Faiss is a library developed by [Facebook AI Research](https://research.facebook.com/research-areas/facebook-ai-research-fair/). According to their [wikipage](https://github.com/facebookresearch/faiss/wiki),
> Faiss is a library for efficient similarity search and clustering of dense vectors. It contains algorithms that search in sets of vectors of any size, up to ones that possibly do not fit in RAM

Here are the steps to build the search engine using the previously built embeddings  
- create the flat index: This is used to flat the vectors. The index uses the L2 (Euclidean) distance metrics to mesure the similarity betweeen the query vector and all the vectors (embeddings).
- add all the vectors to the index
- define the number **K** of similar document we want
- run the similarity search  

In [42]:
embedding_dimension = len(embeddings[0])

In [43]:
indexFlatL2 = faiss.IndexFlatL2(embedding_dimension)

# Convert the embeddings list of vectors into a 2D array.
vectors = np.stack(embeddings)

indexFlatL2.add(vectors)

In [44]:
print("Total Added Number of Vectors: {}".format(indexFlatL2.ntotal))
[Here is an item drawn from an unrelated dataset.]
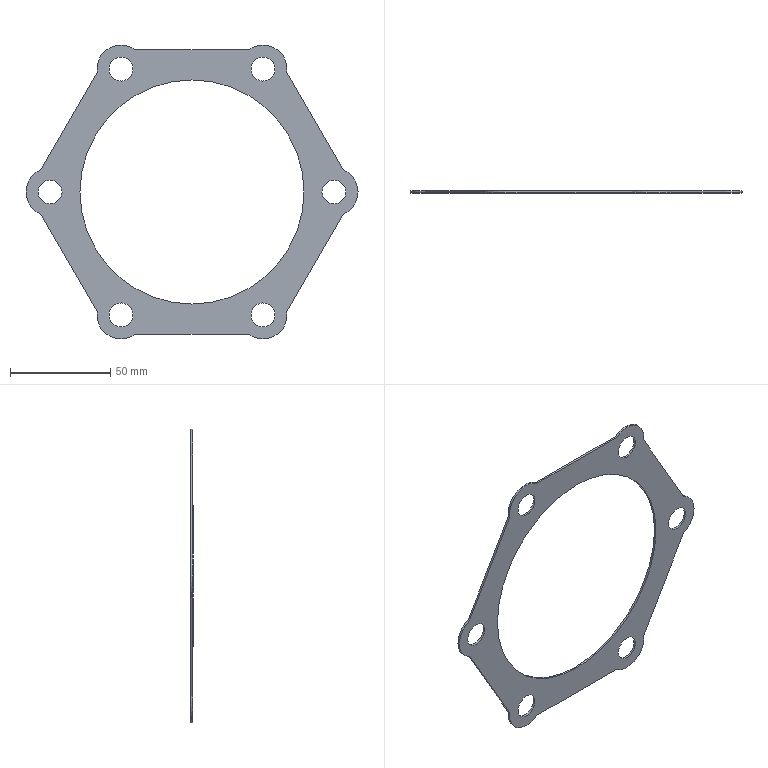Component | NX | T1_SHIM3 | 1 solid | 21 faces | volume 7220 mm3 | cylinder 13 | plane 8 | commonest cylinder face diameters 24 x6 12 x6 112 x1

Total Added Number of Vectors: 100


### Perform Query    
We will use the same query as previously. Change it to another one if you want.  

In [45]:
# Get query vector
query_text = data.iloc[0].abstract
query_vector = process_query(query_text)

K = 5

# Run the search
D, I = indexFlatL2.search(query_vector, K)

In [46]:
I # this contains the index of all the similar articles

array([[ 0, 11, 10, 91, 67]])

In [47]:
D # this contains the L2 distance values of all the similar articles

array([[  0.     , 130.24078, 205.51802, 209.41898, 231.22496]],
      dtype=float32)

**Note**:  
I decided to breakdown all the steps on purpose in order to make sure you understand properly. But you can put everything together into a single function.  

In [48]:
for i in range(I.shape[1]):

    article_index = I[0, i]

    abstract = data.iloc[article_index].abstract
    print("** Article #{} **".format(article_index))
    print("** --> Abstract : \n{}**".format(abstract))
    print("** --> L2 Distance: %.2f**" % D[0, i])
    print("\n")

** Article #0 **
** --> Abstract : 
The sparse information available for multiple less commonly used species have been compiled with references. Clinical problems in animals are usually associated with changes in the blood and urine and core values are recommended for research, safety, and toxicity studies in laboratory animals. The core panel includes glucose, blood urea nitrogen, creatinine, total protein, albumin globulin, calcium, sodium, potassium, chloride, and total cholesterol; hematology tests includes total leukocyte count, erythrocyte count, erythrocyte morphology, platelet count, hemoglobin concentration, hematocrit or packed cell volume, mean corpuscular hemoglobin, and mean corpuscular hemoglobin concentration. Urinalysis tests are also recommended. Stress associated with restraint and handling may cause changes; anesthesia may produce changes in clinical biochemistry or hematology parameters, including decreased hematocrit, hemoglobin level, and red blood cell count. Tec

**Observation**   
- The lower the distance is, the most similar the article is to the query.   
- The first document has L2 = 0, which means 100% similarity. This is obvious, because the query was compared with itself.
- We can simply remove it to the analysis.